From: Joe Dees (joedees@addall.com)
Date: Sun Jan 07 2001 - 03:57:56 MST


('binary' encoding is not supported, stored as-is) >From: "Jerry Mitchell" <jmitch12@tampabay.rr.com>
>To: <extropians@extropy.org>
>Subject: RE: Extremism
>Date: Sat, 6 Jan 2001 18:49:39 -0500
>Reply-To: extropians@extropy.org
>
>[Non-member submission]
>
>I was simply pointing out that you could only tie the word extremism to a
>set of ideologies relative to some other concept. I don't think it
>cognitively efficient to use the word, meaning it doesn't add any useful
>information to what's being said (other then the fact that the person using
>the word thinks that what is being described is radically different from
>"their" ideas). This was my point in interrupting the thread that was going
>on. It's not a valid word. Sure you can say it, but what do you really mean
>by using it? What your really saying is that an idea differs from your view,
>or the popular view, or some other idea. It's a concept that implies a
>range, but leaves out content, which is not a proper thing to do with
>discussing ideas. How can you leave the content of a concept out and only
>deal with its degree? That might matter for the purpose of comparing ideas,
>but it has NOTHING to do with the truth of the idea. I for one cant find a
>reason to keep this anti-word in our language. If someone can spot a real
>use for this concept, please let me know.
>
     Extremism is an abstract general concept, it is true, but one that while only gaining particular meaning from association with a particular cause or issue, nevertheless is used to describe one's stance relative to that cause or any cause in particular, i.e. at one 'extreme' end or the other of the spectrum of points of view regarding the cause or issue. The opposite of extremism may or may not be mainstreamism, depending upon how the spectrum is weighted, but it is always opposed to moderation, the golden mean, or the middle way.

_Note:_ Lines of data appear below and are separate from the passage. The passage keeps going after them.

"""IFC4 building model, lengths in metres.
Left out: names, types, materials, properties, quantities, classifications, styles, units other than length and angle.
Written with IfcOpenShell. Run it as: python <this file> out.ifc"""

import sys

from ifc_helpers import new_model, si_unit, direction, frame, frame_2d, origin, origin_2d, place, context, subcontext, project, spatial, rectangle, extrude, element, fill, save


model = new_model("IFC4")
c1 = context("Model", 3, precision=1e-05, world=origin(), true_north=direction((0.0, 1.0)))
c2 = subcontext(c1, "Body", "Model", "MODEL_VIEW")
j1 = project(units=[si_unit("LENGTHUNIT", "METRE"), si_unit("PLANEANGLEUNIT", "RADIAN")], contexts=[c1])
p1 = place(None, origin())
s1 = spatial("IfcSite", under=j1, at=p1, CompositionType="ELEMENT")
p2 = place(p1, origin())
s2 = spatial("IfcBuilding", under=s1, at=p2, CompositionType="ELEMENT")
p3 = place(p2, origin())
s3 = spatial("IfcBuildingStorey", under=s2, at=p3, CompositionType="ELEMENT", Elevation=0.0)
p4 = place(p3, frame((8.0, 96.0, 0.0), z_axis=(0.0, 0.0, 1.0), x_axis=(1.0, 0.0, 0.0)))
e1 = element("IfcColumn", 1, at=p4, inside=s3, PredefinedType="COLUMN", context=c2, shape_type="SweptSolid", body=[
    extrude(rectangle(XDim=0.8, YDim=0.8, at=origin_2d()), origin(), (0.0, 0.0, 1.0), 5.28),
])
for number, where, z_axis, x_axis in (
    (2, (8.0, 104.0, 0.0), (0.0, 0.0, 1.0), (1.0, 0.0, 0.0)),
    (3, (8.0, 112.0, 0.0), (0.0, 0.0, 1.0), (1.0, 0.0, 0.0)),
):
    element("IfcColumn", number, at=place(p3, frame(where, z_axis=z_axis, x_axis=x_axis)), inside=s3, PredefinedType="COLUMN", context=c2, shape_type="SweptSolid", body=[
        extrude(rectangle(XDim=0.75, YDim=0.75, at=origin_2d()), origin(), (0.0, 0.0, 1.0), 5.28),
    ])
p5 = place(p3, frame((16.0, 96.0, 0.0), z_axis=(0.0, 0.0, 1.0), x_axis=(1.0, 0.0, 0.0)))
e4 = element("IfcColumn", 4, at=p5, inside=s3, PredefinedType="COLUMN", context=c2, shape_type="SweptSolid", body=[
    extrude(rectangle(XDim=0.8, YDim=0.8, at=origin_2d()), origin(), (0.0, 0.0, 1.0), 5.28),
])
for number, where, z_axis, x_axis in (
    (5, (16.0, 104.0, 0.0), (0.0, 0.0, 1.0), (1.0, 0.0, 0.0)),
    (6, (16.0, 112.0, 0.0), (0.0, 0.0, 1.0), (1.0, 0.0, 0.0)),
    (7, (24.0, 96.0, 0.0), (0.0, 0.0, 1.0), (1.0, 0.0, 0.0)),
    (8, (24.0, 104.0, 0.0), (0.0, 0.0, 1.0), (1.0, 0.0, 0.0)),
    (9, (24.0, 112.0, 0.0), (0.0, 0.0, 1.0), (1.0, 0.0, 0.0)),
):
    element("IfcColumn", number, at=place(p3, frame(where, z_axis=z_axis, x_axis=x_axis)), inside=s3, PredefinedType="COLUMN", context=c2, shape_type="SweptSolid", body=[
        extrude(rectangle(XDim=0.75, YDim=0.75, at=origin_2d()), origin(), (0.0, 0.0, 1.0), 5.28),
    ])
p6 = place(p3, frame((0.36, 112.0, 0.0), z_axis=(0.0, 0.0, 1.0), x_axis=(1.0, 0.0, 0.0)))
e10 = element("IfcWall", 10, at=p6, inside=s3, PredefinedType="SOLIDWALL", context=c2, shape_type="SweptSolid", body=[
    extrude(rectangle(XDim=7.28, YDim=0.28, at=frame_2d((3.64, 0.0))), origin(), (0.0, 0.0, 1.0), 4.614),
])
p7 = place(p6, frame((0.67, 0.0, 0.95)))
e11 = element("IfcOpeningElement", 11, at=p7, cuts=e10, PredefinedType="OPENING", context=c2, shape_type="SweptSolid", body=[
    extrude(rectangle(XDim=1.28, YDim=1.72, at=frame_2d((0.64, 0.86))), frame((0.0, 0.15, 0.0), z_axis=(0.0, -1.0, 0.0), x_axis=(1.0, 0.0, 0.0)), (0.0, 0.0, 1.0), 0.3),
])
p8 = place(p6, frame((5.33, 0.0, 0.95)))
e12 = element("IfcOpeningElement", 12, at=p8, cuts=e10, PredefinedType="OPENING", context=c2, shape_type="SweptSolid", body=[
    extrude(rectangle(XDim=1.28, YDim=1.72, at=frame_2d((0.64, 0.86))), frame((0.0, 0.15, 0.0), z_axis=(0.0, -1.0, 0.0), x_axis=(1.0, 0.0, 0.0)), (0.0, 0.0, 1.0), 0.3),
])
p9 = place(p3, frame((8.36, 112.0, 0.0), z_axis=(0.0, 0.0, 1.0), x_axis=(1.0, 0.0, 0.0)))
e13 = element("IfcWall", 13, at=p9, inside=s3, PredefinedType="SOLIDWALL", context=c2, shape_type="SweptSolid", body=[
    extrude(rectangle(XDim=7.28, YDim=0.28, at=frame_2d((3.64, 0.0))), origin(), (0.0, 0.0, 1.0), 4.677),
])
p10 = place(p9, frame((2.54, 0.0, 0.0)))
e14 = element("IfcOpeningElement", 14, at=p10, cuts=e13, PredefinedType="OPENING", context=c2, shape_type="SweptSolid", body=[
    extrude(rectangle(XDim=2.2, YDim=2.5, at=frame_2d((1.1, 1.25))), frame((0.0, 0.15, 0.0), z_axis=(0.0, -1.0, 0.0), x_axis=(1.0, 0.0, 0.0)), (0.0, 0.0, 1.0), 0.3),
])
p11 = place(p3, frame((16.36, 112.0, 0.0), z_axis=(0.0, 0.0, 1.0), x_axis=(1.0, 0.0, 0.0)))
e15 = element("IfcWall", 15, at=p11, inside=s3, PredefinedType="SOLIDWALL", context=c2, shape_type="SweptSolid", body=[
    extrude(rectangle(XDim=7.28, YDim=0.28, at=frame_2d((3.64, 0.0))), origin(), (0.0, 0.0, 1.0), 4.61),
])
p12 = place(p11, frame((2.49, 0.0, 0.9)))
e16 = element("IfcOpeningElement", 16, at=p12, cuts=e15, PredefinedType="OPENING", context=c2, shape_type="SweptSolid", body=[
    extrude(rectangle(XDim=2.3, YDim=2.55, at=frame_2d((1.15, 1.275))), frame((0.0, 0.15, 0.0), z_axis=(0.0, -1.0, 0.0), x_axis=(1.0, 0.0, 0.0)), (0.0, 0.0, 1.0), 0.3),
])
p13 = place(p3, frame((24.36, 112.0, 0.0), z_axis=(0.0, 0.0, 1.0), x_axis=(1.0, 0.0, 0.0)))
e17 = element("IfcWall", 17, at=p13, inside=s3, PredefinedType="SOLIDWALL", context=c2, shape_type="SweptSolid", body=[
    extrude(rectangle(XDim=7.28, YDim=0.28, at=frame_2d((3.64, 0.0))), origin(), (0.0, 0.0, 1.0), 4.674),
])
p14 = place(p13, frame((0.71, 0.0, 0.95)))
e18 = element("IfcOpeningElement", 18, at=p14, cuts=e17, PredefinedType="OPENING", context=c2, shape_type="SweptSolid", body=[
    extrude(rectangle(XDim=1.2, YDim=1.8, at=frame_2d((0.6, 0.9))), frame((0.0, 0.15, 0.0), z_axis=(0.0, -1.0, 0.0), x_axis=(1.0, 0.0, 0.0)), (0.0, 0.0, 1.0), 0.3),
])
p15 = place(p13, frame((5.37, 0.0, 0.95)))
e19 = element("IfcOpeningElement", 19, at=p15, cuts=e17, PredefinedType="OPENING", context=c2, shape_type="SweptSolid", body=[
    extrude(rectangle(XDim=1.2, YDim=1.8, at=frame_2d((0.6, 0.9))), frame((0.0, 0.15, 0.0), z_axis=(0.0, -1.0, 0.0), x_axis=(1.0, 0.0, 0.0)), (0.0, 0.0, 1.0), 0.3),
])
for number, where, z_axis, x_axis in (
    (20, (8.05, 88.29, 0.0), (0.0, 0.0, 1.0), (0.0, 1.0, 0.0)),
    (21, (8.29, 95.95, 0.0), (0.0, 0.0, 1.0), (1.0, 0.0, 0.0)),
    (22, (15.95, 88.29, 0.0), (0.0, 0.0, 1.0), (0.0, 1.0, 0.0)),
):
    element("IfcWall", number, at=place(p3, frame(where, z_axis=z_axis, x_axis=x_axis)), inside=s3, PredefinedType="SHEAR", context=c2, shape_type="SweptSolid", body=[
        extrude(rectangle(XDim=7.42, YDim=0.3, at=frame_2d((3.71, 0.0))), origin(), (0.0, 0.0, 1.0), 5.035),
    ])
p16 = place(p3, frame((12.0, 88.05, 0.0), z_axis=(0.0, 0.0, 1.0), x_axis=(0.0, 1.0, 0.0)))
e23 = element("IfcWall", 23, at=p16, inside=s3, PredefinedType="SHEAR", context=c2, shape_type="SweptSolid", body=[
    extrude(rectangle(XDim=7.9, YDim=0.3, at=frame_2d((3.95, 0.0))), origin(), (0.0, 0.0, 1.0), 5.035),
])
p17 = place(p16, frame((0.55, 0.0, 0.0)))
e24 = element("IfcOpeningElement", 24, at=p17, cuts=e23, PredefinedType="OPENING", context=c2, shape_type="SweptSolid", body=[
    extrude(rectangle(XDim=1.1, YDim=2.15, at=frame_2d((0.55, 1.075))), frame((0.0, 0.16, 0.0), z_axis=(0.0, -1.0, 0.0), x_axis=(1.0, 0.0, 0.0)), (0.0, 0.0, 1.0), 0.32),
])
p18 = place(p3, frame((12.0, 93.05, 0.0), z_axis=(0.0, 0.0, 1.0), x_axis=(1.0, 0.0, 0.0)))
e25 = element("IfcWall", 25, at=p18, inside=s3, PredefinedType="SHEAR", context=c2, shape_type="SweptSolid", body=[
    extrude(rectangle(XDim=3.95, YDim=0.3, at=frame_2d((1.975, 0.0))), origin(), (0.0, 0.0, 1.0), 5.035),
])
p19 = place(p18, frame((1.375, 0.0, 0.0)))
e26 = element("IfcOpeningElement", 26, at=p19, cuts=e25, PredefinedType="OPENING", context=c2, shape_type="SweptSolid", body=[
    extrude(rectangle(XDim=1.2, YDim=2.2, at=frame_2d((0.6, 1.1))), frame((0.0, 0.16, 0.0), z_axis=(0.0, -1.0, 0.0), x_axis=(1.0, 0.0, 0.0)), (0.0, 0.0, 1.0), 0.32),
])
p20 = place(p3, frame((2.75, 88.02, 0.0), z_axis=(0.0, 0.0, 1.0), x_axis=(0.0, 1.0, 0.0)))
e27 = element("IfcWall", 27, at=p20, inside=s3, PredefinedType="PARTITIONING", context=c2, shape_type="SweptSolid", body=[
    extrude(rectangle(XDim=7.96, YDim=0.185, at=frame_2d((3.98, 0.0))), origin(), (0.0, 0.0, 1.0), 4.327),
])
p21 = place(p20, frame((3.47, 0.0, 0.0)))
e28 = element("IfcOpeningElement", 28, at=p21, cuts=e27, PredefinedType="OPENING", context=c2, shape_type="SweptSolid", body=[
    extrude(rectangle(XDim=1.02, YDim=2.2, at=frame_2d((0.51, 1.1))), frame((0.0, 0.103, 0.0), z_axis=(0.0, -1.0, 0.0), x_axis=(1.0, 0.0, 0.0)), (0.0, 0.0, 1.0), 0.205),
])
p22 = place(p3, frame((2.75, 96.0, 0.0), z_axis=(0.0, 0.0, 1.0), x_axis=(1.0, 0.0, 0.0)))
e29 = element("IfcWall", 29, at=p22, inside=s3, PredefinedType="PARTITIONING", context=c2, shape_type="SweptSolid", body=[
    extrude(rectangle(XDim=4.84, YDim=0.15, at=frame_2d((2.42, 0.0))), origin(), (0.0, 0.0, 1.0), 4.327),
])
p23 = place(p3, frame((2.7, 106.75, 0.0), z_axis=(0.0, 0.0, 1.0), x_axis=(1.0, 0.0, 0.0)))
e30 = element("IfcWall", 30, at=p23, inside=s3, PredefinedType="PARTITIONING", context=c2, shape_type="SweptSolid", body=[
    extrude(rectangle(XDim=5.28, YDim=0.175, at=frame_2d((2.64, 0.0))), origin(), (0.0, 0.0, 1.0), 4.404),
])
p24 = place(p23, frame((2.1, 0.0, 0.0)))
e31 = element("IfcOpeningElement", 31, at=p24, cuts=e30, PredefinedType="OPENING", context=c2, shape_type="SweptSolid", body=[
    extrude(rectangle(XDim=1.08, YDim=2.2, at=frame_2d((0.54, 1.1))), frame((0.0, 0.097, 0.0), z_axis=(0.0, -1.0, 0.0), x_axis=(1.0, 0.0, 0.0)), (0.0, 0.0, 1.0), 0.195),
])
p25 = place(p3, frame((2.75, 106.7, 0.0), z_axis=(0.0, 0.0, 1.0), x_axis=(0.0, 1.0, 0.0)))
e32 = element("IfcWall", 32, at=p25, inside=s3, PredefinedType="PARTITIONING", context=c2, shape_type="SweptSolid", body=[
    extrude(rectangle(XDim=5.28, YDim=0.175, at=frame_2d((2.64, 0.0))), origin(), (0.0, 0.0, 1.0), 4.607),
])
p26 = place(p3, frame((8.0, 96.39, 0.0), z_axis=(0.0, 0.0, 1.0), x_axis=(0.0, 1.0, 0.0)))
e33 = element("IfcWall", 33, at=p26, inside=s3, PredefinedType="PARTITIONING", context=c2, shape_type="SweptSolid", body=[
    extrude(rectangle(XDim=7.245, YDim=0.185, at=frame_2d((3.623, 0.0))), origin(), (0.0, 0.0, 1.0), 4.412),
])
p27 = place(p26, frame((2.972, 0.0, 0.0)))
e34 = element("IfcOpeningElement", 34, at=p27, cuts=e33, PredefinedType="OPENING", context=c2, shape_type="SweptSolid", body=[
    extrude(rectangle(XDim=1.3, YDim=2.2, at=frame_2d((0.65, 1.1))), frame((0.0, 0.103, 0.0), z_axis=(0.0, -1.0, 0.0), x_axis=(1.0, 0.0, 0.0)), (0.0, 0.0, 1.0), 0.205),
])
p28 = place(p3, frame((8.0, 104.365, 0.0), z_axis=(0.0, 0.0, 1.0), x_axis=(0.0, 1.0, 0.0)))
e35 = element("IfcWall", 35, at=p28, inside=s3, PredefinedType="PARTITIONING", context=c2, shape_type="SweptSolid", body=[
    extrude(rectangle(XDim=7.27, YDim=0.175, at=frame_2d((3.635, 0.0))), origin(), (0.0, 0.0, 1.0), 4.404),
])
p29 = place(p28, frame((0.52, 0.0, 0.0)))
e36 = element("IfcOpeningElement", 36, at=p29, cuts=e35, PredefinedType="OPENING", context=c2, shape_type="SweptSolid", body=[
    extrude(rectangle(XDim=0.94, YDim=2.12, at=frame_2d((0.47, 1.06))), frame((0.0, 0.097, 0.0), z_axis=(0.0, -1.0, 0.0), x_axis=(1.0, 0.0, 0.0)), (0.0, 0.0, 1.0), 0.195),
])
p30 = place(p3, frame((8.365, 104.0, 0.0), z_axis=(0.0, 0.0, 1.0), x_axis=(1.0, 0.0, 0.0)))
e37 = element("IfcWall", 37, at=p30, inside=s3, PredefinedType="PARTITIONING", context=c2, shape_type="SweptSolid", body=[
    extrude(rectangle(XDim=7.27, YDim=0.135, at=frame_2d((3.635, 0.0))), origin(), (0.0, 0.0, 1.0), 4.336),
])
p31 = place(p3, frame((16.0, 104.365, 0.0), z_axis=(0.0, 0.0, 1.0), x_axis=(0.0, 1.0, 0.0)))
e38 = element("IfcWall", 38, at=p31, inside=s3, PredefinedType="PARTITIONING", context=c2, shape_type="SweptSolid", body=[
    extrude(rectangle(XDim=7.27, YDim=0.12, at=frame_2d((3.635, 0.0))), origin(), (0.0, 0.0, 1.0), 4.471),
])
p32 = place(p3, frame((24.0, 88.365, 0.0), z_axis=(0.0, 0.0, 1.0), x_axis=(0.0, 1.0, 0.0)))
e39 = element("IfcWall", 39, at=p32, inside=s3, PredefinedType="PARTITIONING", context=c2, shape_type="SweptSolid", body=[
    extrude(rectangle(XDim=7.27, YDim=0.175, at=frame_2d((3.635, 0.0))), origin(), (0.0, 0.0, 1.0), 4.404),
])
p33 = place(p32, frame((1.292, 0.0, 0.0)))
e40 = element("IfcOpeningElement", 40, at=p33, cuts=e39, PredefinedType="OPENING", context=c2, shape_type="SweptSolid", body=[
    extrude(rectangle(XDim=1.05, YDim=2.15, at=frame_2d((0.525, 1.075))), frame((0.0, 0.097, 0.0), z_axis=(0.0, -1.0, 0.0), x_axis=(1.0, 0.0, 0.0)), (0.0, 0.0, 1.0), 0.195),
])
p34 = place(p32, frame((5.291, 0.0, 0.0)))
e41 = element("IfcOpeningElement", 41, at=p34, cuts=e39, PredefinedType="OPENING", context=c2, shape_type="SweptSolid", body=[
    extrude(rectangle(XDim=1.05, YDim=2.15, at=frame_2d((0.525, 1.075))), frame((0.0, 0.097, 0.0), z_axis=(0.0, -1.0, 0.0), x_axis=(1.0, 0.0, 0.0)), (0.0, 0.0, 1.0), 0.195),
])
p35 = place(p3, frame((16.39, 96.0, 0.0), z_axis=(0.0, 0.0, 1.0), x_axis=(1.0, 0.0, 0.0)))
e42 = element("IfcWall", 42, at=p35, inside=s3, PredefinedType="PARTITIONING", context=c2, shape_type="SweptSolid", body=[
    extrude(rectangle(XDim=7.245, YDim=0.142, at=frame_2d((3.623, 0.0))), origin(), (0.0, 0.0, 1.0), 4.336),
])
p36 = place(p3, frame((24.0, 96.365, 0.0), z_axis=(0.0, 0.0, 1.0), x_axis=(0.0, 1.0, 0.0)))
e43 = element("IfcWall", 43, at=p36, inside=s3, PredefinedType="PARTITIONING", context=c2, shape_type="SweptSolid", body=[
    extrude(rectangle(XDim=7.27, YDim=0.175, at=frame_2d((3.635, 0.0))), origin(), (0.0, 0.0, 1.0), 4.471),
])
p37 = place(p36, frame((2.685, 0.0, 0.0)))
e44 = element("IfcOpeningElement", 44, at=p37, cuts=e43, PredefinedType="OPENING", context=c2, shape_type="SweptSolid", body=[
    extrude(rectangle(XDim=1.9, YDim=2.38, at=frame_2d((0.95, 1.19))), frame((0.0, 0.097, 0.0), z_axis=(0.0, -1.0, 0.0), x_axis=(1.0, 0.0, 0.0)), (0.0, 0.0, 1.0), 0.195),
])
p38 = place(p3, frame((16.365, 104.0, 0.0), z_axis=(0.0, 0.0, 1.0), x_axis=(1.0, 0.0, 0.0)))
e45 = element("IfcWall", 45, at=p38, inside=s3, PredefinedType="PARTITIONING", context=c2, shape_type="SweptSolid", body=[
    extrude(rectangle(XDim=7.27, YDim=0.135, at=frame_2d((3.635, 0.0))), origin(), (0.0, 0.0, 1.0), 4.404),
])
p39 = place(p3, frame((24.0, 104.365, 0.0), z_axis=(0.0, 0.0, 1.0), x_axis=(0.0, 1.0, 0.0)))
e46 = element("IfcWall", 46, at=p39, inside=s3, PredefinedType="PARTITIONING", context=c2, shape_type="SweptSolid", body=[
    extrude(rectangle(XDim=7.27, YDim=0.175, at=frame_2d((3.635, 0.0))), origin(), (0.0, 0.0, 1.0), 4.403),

     For instance, a person who is in favor of a woman's right to choose abortion before fetal viability but has a problem with killing a fetus that could be delivered live is not skewed to an extreme, but is rather taking a balanced position, just as a person who supports the right of sane and law-abiding adults to buy, keep and bear arms but wishes laws to be standardized and engineered to most effectively keep firearms out of the hands of children, violent criminals and the mentally incapacitated (sorry to mention the g*n issue,; it was only as an example - as most of you know, I have labored to keep extremists from from both sides of both of these issues from co-opting this list). Such people cannot logically be referred to as extremists, but the skewed logic of the extremist sees everyone who does not parrot their position to be an extremist on the 'other' side, either through ignorance or malevolenve, unless the person is indifferent and/or apathetic and can be dismisse!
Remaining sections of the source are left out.